Verify Privilege Manager is now ready to complete installation. Open a browser and navigate to where your Verify Privilege Manager Setup is located, for example: https://localhost/TMS/Setup. It will request windows credentials which must be the credentials for a local administrator on the web server.

The site will detect that is does not have the proper database configuration and walk you through installing the initial database objects.

Install Database screen

After this initial step, you will be presented with a list of Verify Privilege Manager features you can choose to install.

  1. Select Add/Remove Product Features​.

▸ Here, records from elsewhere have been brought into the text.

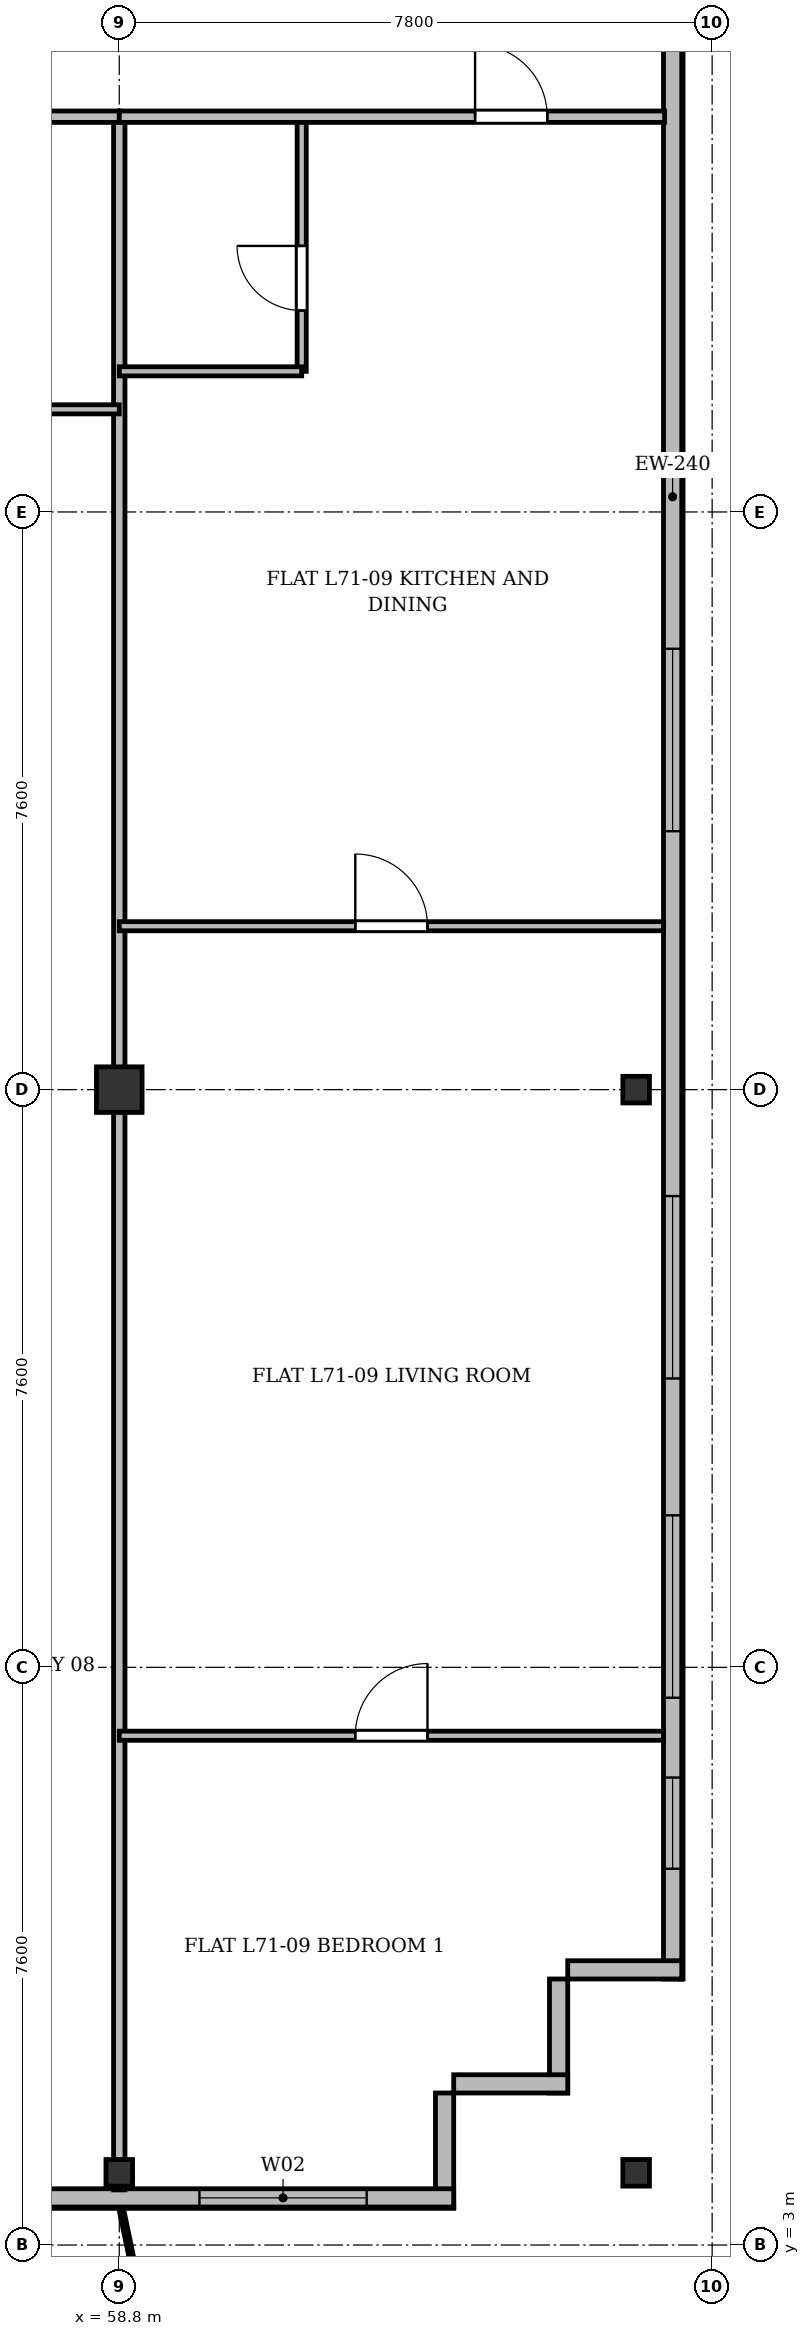
"""IFC4 building model, lengths in metres.
Left out: names, types, materials, properties, quantities, classifications, styles, units other than length and angle.
Written with IfcOpenShell. Run it as: python <this file> out.ifc"""

import sys

from ifc_helpers import new_model, si_unit, direction, frame, frame_2d, origin, origin_2d, place, context, subcontext, project, spatial, rectangle, i_section, extrude, source, transform, mapped, element, fill, save


model = new_model("IFC4")
c1 = context("Model", 3, precision=1e-05, world=origin(), true_north=direction((0.0, 1.0)))
c2 = subcontext(c1, "Body", "Model", "MODEL_VIEW")
j1 = project(units=[si_unit("LENGTHUNIT", "METRE"), si_unit("PLANEANGLEUNIT", "RADIAN")], contexts=[c1])
p1 = place(None, origin())
s1 = spatial("IfcSite", under=j1, at=p1, CompositionType="ELEMENT")
p2 = place(p1, origin())
s2 = spatial("IfcBuilding", under=s1, at=p2, CompositionType="ELEMENT")
p3 = place(p2, frame((0.0, 0.0, 273.9)))
s3 = spatial("IfcBuildingStorey", under=s2, at=p3, CompositionType="ELEMENT", Elevation=273.9)
m1 = source(origin(), c2, "Body", "SweptSolid", [
    extrude(i_section(OverallWidth=0.35, OverallDepth=0.35, WebThickness=0.018, FlangeThickness=0.028, at=origin_2d()), origin(), (0.0, 0.0, 1.0), 3.6),
])
p4 = place(p3, frame((58.8, 3.95, 0.0), z_axis=(0.0, 0.0, 1.0), x_axis=(1.0, 0.0, 0.0)))
e1 = element("IfcColumn", 1, at=p4, inside=s3, PredefinedType="COLUMN", context=c2, shape_type="MappedRepresentation", body=[
    mapped(m1, transform((0.0, 0.0, 0.0), x_axis=(1.0, 0.0, 0.0), y_axis=(0.0, 1.0, 0.0), z_axis=(0.0, 0.0, 1.0), scale=1.0)),
])
m2 = source(origin(), c2, "Body", "SweptSolid", [
    extrude(rectangle(XDim=0.6, YDim=0.6, at=origin_2d()), origin(), (0.0, 0.0, 1.0), 3.6),
])
p5 = place(p3, frame((58.8, 18.2, 0.0), z_axis=(0.0, 0.0, 1.0), x_axis=(1.0, 0.0, 0.0)))
e2 = element("IfcColumn", 2, at=p5, inside=s3, PredefinedType="COLUMN", context=c2, shape_type="MappedRepresentation", body=[
    mapped(m2, transform((0.0, 0.0, 0.0), x_axis=(1.0, 0.0, 0.0), y_axis=(0.0, 1.0, 0.0), z_axis=(0.0, 0.0, 1.0), scale=1.0)),
])
for number, where, z_axis, x_axis in (
    (3, (65.6, 3.95, 0.0), (0.0, 0.0, 1.0), (1.0, 0.0, 0.0)),
    (4, (65.6, 18.2, 0.0), (0.0, 0.0, 1.0), (1.0, 0.0, 0.0)),
):
    element("IfcColumn", number, at=place(p3, frame(where, z_axis=z_axis, x_axis=x_axis)), inside=s3, PredefinedType="COLUMN", context=c2, shape_type="MappedRepresentation", body=[
        mapped(m1, transform((0.0, 0.0, 0.0), x_axis=(1.0, 0.0, 0.0), y_axis=(0.0, 1.0, 0.0), z_axis=(0.0, 0.0, 1.0), scale=1.0)),
    ])
p6 = place(p3, frame((66.08, 45.5, 0.0), z_axis=(0.0, 0.0, 1.0), x_axis=(0.0, -1.0, 0.0)))
e5 = element("IfcWall", 5, at=p6, inside=s3, PredefinedType="SOLIDWALL", context=c2, shape_type="SweptSolid", body=[
    extrude(rectangle(XDim=39.0, YDim=0.24, at=frame_2d((19.5, 0.0))), origin(), (0.0, 0.0, 1.0), 3.37),
])
p7 = place(p6, frame((36.35, 0.0, 0.92)))
e6 = element("IfcOpeningElement", 6, at=p7, cuts=e5, PredefinedType="OPENING", context=c2, shape_type="SweptSolid", body=[
    extrude(rectangle(XDim=1.2, YDim=1.65, at=frame_2d((0.6, 0.825))), frame((0.0, 0.13, 0.0), z_axis=(0.0, -1.0, 0.0), x_axis=(1.0, 0.0, 0.0)), (0.0, 0.0, 1.0), 0.26),
])
p8 = place(p6, frame((32.9, 0.0, 0.92)))
e7 = element("IfcOpeningElement", 7, at=p8, cuts=e5, PredefinedType="OPENING", context=c2, shape_type="SweptSolid", body=[
    extrude(rectangle(XDim=2.4, YDim=2.1, at=frame_2d((1.2, 1.05))), frame((0.0, 0.13, 0.0), z_axis=(0.0, -1.0, 0.0), x_axis=(1.0, 0.0, 0.0)), (0.0, 0.0, 1.0), 0.26),
])
p9 = place(p6, frame((28.7, 0.0, 0.92)))
e8 = element("IfcOpeningElement", 8, at=p9, cuts=e5, PredefinedType="OPENING", context=c2, shape_type="SweptSolid", body=[
    extrude(rectangle(XDim=2.4, YDim=2.1, at=frame_2d((1.2, 1.05))), frame((0.0, 0.13, 0.0), z_axis=(0.0, -1.0, 0.0), x_axis=(1.0, 0.0, 0.0)), (0.0, 0.0, 1.0), 0.26),
])
p10 = place(p6, frame((21.5, 0.0, 0.92)))
e9 = element("IfcOpeningElement", 9, at=p10, cuts=e5, PredefinedType="OPENING", context=c2, shape_type="SweptSolid", body=[
    extrude(rectangle(XDim=2.4, YDim=2.1, at=frame_2d((1.2, 1.05))), frame((0.0, 0.13, 0.0), z_axis=(0.0, -1.0, 0.0), x_axis=(1.0, 0.0, 0.0)), (0.0, 0.0, 1.0), 0.26),
])
p11 = place(p6, frame((7.5, 0.0, 0.92)))
e10 = element("IfcOpeningElement", 10, at=p11, cuts=e5, PredefinedType="OPENING", context=c2, shape_type="SweptSolid", body=[
    extrude(rectangle(XDim=2.4, YDim=2.1, at=frame_2d((1.2, 1.05))), frame((0.0, 0.13, 0.0), z_axis=(0.0, -1.0, 0.0), x_axis=(1.0, 0.0, 0.0)), (0.0, 0.0, 1.0), 0.26),
])
p12 = place(p6, frame((4.5, 0.0, 0.92)))
e11 = element("IfcOpeningElement", 11, at=p12, cuts=e5, PredefinedType="OPENING", context=c2, shape_type="SweptSolid", body=[
    extrude(rectangle(XDim=1.2, YDim=1.65, at=frame_2d((0.6, 0.825))), frame((0.0, 0.13, 0.0), z_axis=(0.0, -1.0, 0.0), x_axis=(1.0, 0.0, 0.0)), (0.0, 0.0, 1.0), 0.26),
])
p13 = place(p6, frame((1.15, 0.0, 0.92)))
e12 = element("IfcOpeningElement", 12, at=p13, cuts=e5, PredefinedType="OPENING", context=c2, shape_type="SweptSolid", body=[
    extrude(rectangle(XDim=1.2, YDim=1.65, at=frame_2d((0.6, 0.825))), frame((0.0, 0.13, 0.0), z_axis=(0.0, -1.0, 0.0), x_axis=(1.0, 0.0, 0.0)), (0.0, 0.0, 1.0), 0.26),
])
p14 = place(p3, frame((66.2, 6.62, 0.0), z_axis=(0.0, 0.0, 1.0), x_axis=(-1.0, 0.0, 0.0)))
e13 = element("IfcWall", 13, at=p14, inside=s3, PredefinedType="SOLIDWALL", context=c2, shape_type="SweptSolid", body=[
    extrude(rectangle(XDim=1.5, YDim=0.24, at=frame_2d((0.75, 0.0))), origin(), (0.0, 0.0, 1.0), 2.87),
])
for number, where, z_axis, x_axis in (
    (14, (64.58, 6.5, 0.0), (0.0, 0.0, 1.0), (0.0, -1.0, 0.0)),
    (15, (64.7, 5.12, 0.0), (0.0, 0.0, 1.0), (-1.0, 0.0, 0.0)),
):
    element("IfcWall", number, at=place(p3, frame(where, z_axis=z_axis, x_axis=x_axis)), inside=s3, PredefinedType="SOLIDWALL", context=c2, shape_type="SweptSolid", body=[
        extrude(rectangle(XDim=1.5, YDim=0.24, at=frame_2d((0.75, 0.0))), origin(), (0.0, 0.0, 1.0), 3.37),
    ])
p15 = place(p3, frame((63.08, 5.0, 0.0), z_axis=(0.0, 0.0, 1.0), x_axis=(0.0, -1.0, 0.0)))
e16 = element("IfcWall", 16, at=p15, inside=s3, PredefinedType="SOLIDWALL", context=c2, shape_type="SweptSolid", body=[
    extrude(rectangle(XDim=1.5, YDim=0.24, at=frame_2d((0.75, 0.0))), origin(), (0.0, 0.0, 1.0), 2.92),
])
p16 = place(p3, frame((63.2, 3.62, 0.0), z_axis=(0.0, 0.0, 1.0), x_axis=(-1.0, 0.0, 0.0)))
e17 = element("IfcWall", 17, at=p16, inside=s3, PredefinedType="SOLIDWALL", context=c2, shape_type="SweptSolid", body=[
    extrude(rectangle(XDim=52.0, YDim=0.24, at=frame_2d((26.0, 0.0))), origin(), (0.0, 0.0, 1.0), 3.37),
])
p17 = place(p16, frame((1.145, 0.0, 0.9)))
e18 = element("IfcOpeningElement", 18, at=p17, cuts=e17, PredefinedType="OPENING", context=c2, shape_type="SweptSolid", body=[
    extrude(rectangle(XDim=2.2, YDim=1.8, at=frame_2d((1.1, 0.9))), frame((0.0, 0.13, 0.0), z_axis=(0.0, -1.0, 0.0), x_axis=(1.0, 0.0, 0.0)), (0.0, 0.0, 1.0), 0.26),
])
p18 = place(p16, frame((5.45, 0.0, 0.9)))
e19 = element("IfcOpeningElement", 19, at=p18, cuts=e17, PredefinedType="OPENING", context=c2, shape_type="SweptSolid", body=[
    extrude(rectangle(XDim=1.5, YDim=1.75, at=frame_2d((0.75, 0.875))), frame((0.0, 0.13, 0.0), z_axis=(0.0, -1.0, 0.0), x_axis=(1.0, 0.0, 0.0)), (0.0, 0.0, 1.0), 0.26),
])
p19 = place(p16, frame((9.1, 0.0, 0.9)))
e20 = element("IfcOpeningElement", 20, at=p19, cuts=e17, PredefinedType="OPENING", context=c2, shape_type="SweptSolid", body=[
    extrude(rectangle(XDim=2.0, YDim=1.95, at=frame_2d((1.0, 0.975))), frame((0.0, 0.13, 0.0), z_axis=(0.0, -1.0, 0.0), x_axis=(1.0, 0.0, 0.0)), (0.0, 0.0, 1.0), 0.26),
])
p20 = place(p16, frame((14.017, 0.0, 0.0)))
e21 = element("IfcOpeningElement", 21, at=p20, cuts=e17, PredefinedType="OPENING", context=c2, shape_type="SweptSolid", body=[
    extrude(rectangle(XDim=1.2, YDim=2.2, at=frame_2d((0.6, 1.1))), frame((0.0, 0.13, 0.0), z_axis=(0.0, -1.0, 0.0), x_axis=(1.0, 0.0, 0.0)), (0.0, 0.0, 1.0), 0.26),
])
p21 = place(p16, frame((25.1, 0.0, 0.9)))
e22 = element("IfcOpeningElement", 22, at=p21, cuts=e17, PredefinedType="OPENING", context=c2, shape_type="SweptSolid", body=[
    extrude(rectangle(XDim=1.8, YDim=1.8, at=frame_2d((0.9, 0.9))), frame((0.0, 0.13, 0.0), z_axis=(0.0, -1.0, 0.0), x_axis=(1.0, 0.0, 0.0)), (0.0, 0.0, 1.0), 0.26),
])
p22 = place(p16, frame((33.05, 0.0, 0.9)))
e23 = element("IfcOpeningElement", 23, at=p22, cuts=e17, PredefinedType="OPENING", context=c2, shape_type="SweptSolid", body=[
    extrude(rectangle(XDim=1.5, YDim=1.75, at=frame_2d((0.75, 0.875))), frame((0.0, 0.13, 0.0), z_axis=(0.0, -1.0, 0.0), x_axis=(1.0, 0.0, 0.0)), (0.0, 0.0, 1.0), 0.26),
])
p23 = place(p16, frame((35.45, 0.0, 0.9)))
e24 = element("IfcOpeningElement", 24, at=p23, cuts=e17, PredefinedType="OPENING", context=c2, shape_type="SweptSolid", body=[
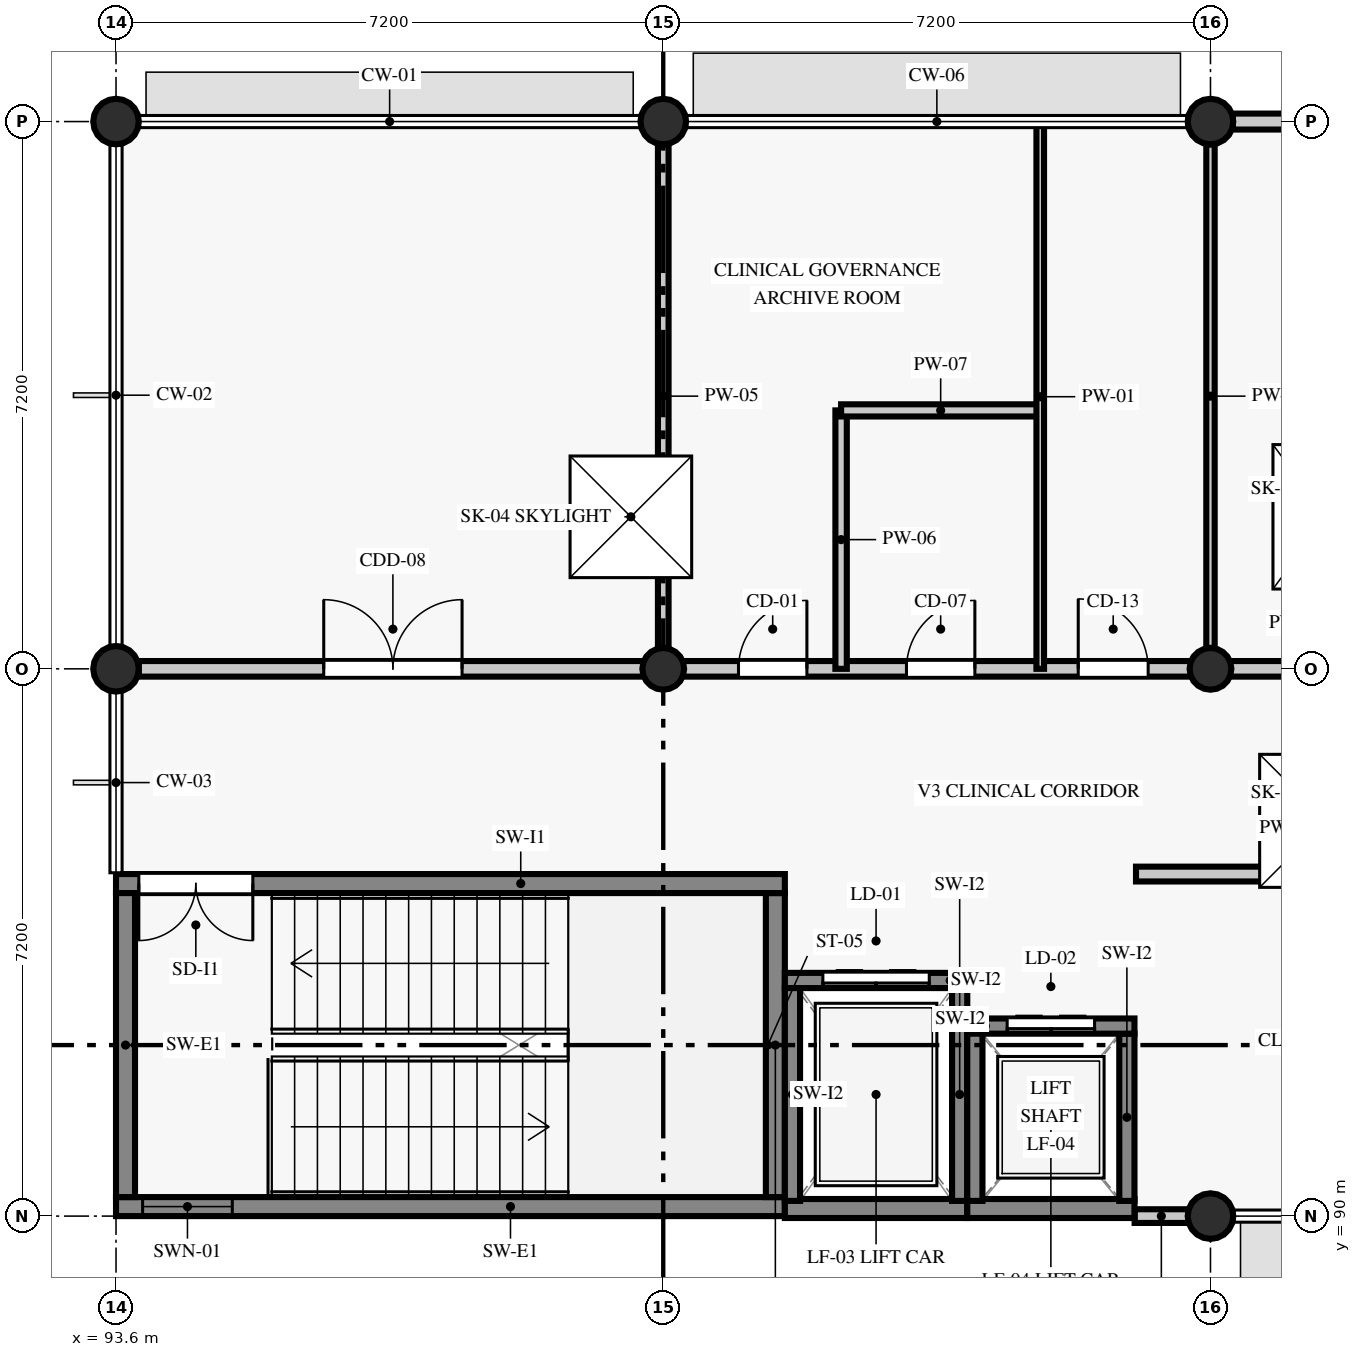
"""IFC4 building model, lengths in metres.
Left out: names, types, materials, properties, quantities, classifications, styles, units other than length and angle.
Written with IfcOpenShell. Run it as: python <this file> out.ifc"""

import sys

from ifc_helpers import new_model, si_unit, direction, frame, frame_2d, origin, origin_2d, place, context, subcontext, project, spatial, rectangle, circle, extrude, element, fill, save


model = new_model("IFC4")
c1 = context("Model", 3, precision=1e-05, world=origin(), true_north=direction((0.0, 1.0)))
c2 = subcontext(c1, "Body", "Model", "MODEL_VIEW")
j1 = project(units=[si_unit("LENGTHUNIT", "METRE"), si_unit("PLANEANGLEUNIT", "RADIAN")], contexts=[c1])
p1 = place(None, origin())
s1 = spatial("IfcSite", under=j1, at=p1, CompositionType="ELEMENT")
p2 = place(p1, origin())
s2 = spatial("IfcBuilding", under=s1, at=p2, CompositionType="ELEMENT")
p3 = place(p2, frame((0.0, 0.0, 22.2)))
s3 = spatial("IfcBuildingStorey", under=s2, at=p3, CompositionType="ELEMENT", Elevation=22.2)
for number, where, z_axis, x_axis in (
    (1, (93.6, 97.2, 0.0), (0.0, 0.0, 1.0), (1.0, 0.0, 0.0)),
    (2, (93.6, 104.4, 0.0), (0.0, 0.0, 1.0), (1.0, 0.0, 0.0)),
):
    element("IfcColumn", number, at=place(p3, frame(where, z_axis=z_axis, x_axis=x_axis)), inside=s3, PredefinedType="COLUMN", context=c2, shape_type="SweptSolid", body=[
        extrude(circle(Radius=0.3, at=origin_2d()), origin(), (0.0, 0.0, 1.0), 3.97),
    ])
p4 = place(p3, frame((100.8, 97.2, 0.0), z_axis=(0.0, 0.0, 1.0), x_axis=(1.0, 0.0, 0.0)))
e3 = element("IfcColumn", 3, at=p4, inside=s3, PredefinedType="COLUMN", context=c2, shape_type="SweptSolid", body=[
    extrude(circle(Radius=0.275, at=origin_2d()), origin(), (0.0, 0.0, 1.0), 3.97),
])
for number, where, z_axis, x_axis in (
    (4, (100.8, 104.4, 0.0), (0.0, 0.0, 1.0), (1.0, 0.0, 0.0)),
    (5, (108.0, 90.0, 0.0), (0.0, 0.0, 1.0), (1.0, 0.0, 0.0)),
):
    element("IfcColumn", number, at=place(p3, frame(where, z_axis=z_axis, x_axis=x_axis)), inside=s3, PredefinedType="COLUMN", context=c2, shape_type="SweptSolid", body=[
        extrude(circle(Radius=0.3, at=origin_2d()), origin(), (0.0, 0.0, 1.0), 3.97),
    ])
p5 = place(p3, frame((108.0, 97.2, 0.0), z_axis=(0.0, 0.0, 1.0), x_axis=(1.0, 0.0, 0.0)))
e6 = element("IfcColumn", 6, at=p5, inside=s3, PredefinedType="COLUMN", context=c2, shape_type="SweptSolid", body=[
    extrude(circle(Radius=0.275, at=origin_2d()), origin(), (0.0, 0.0, 1.0), 3.97),
])
p6 = place(p3, frame((108.0, 104.4, 0.0), z_axis=(0.0, 0.0, 1.0), x_axis=(1.0, 0.0, 0.0)))
e7 = element("IfcColumn", 7, at=p6, inside=s3, PredefinedType="COLUMN", context=c2, shape_type="SweptSolid", body=[
    extrude(circle(Radius=0.3, at=origin_2d()), origin(), (0.0, 0.0, 1.0), 3.97),
])
p7 = place(p3, frame((107.002, 90.0, 0.0), z_axis=(0.0, 0.0, 1.0), x_axis=(1.0, 0.0, 0.0)))
e8 = element("IfcWall", 8, at=p7, inside=s3, PredefinedType="STANDARD", context=c2, shape_type="SweptSolid", body=[
    extrude(rectangle(XDim=0.703, YDim=0.18, at=frame_2d((0.352, 0.0))), origin(), (0.0, 0.0, 1.0), 3.97),
])
p8 = place(p3, frame((114.905, 104.4, 0.0), z_axis=(0.0, 0.0, 1.0), x_axis=(-1.0, 0.0, 0.0)))
e9 = element("IfcWall", 9, at=p8, inside=s3, PredefinedType="STANDARD", context=c2, shape_type="SweptSolid", body=[
    extrude(rectangle(XDim=6.61, YDim=0.21, at=frame_2d((3.305, 0.0))), origin(), (0.0, 0.0, 1.0), 3.32),
])
p9 = place(p8, frame((2.38, 0.0, 0.9)))
e10 = element("IfcOpeningElement", 10, at=p9, cuts=e9, PredefinedType="OPENING", context=c2, shape_type="SweptSolid", body=[
    extrude(rectangle(XDim=1.85, YDim=1.3, at=frame_2d((0.925, 0.65))), frame((0.0, 0.115, 0.0), z_axis=(0.0, -1.0, 0.0), x_axis=(1.0, 0.0, 0.0)), (0.0, 0.0, 1.0), 0.23),
])
p10 = place(p3, frame((93.6, 90.125, 0.0), z_axis=(0.0, 0.0, 1.0), x_axis=(1.0, 0.0, 0.0)))
e11 = element("IfcWall", 11, at=p10, inside=s3, PredefinedType="SHEAR", context=c2, shape_type="SweptSolid", body=[
    extrude(rectangle(XDim=8.8, YDim=0.25, at=frame_2d((4.4, 0.0))), origin(), (0.0, 0.0, 1.0), 3.97),
])
p11 = place(p10, frame((0.35, 0.0, 0.92)))
e12 = element("IfcOpeningElement", 12, at=p11, cuts=e11, PredefinedType="OPENING", context=c2, shape_type="SweptSolid", body=[
    extrude(rectangle(XDim=1.18, YDim=1.48, at=frame_2d((0.59, 0.74))), frame((0.0, 0.135, 0.0), z_axis=(0.0, -1.0, 0.0), x_axis=(1.0, 0.0, 0.0)), (0.0, 0.0, 1.0), 0.27),
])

  2. Select Application Control and Verify Privilege Manager. This will automatically also select any prerequisites they require.

    Each feature is delivered as a NuGet Package, the package will unzip, add files to the Privilege Manger website, and update the database with its required objects. Installing the database and features may take several minutes.

  3. Click Show Install Log​ to reveal installation progress.

Once all features have been installed, Verify Privilege Manager is ready to use! Refer to the Getting Started section for setup and configuration advice.

IBM Security recommends to create a back-up copy of the Verify Privilege Manager web application folder after installation or upgrades.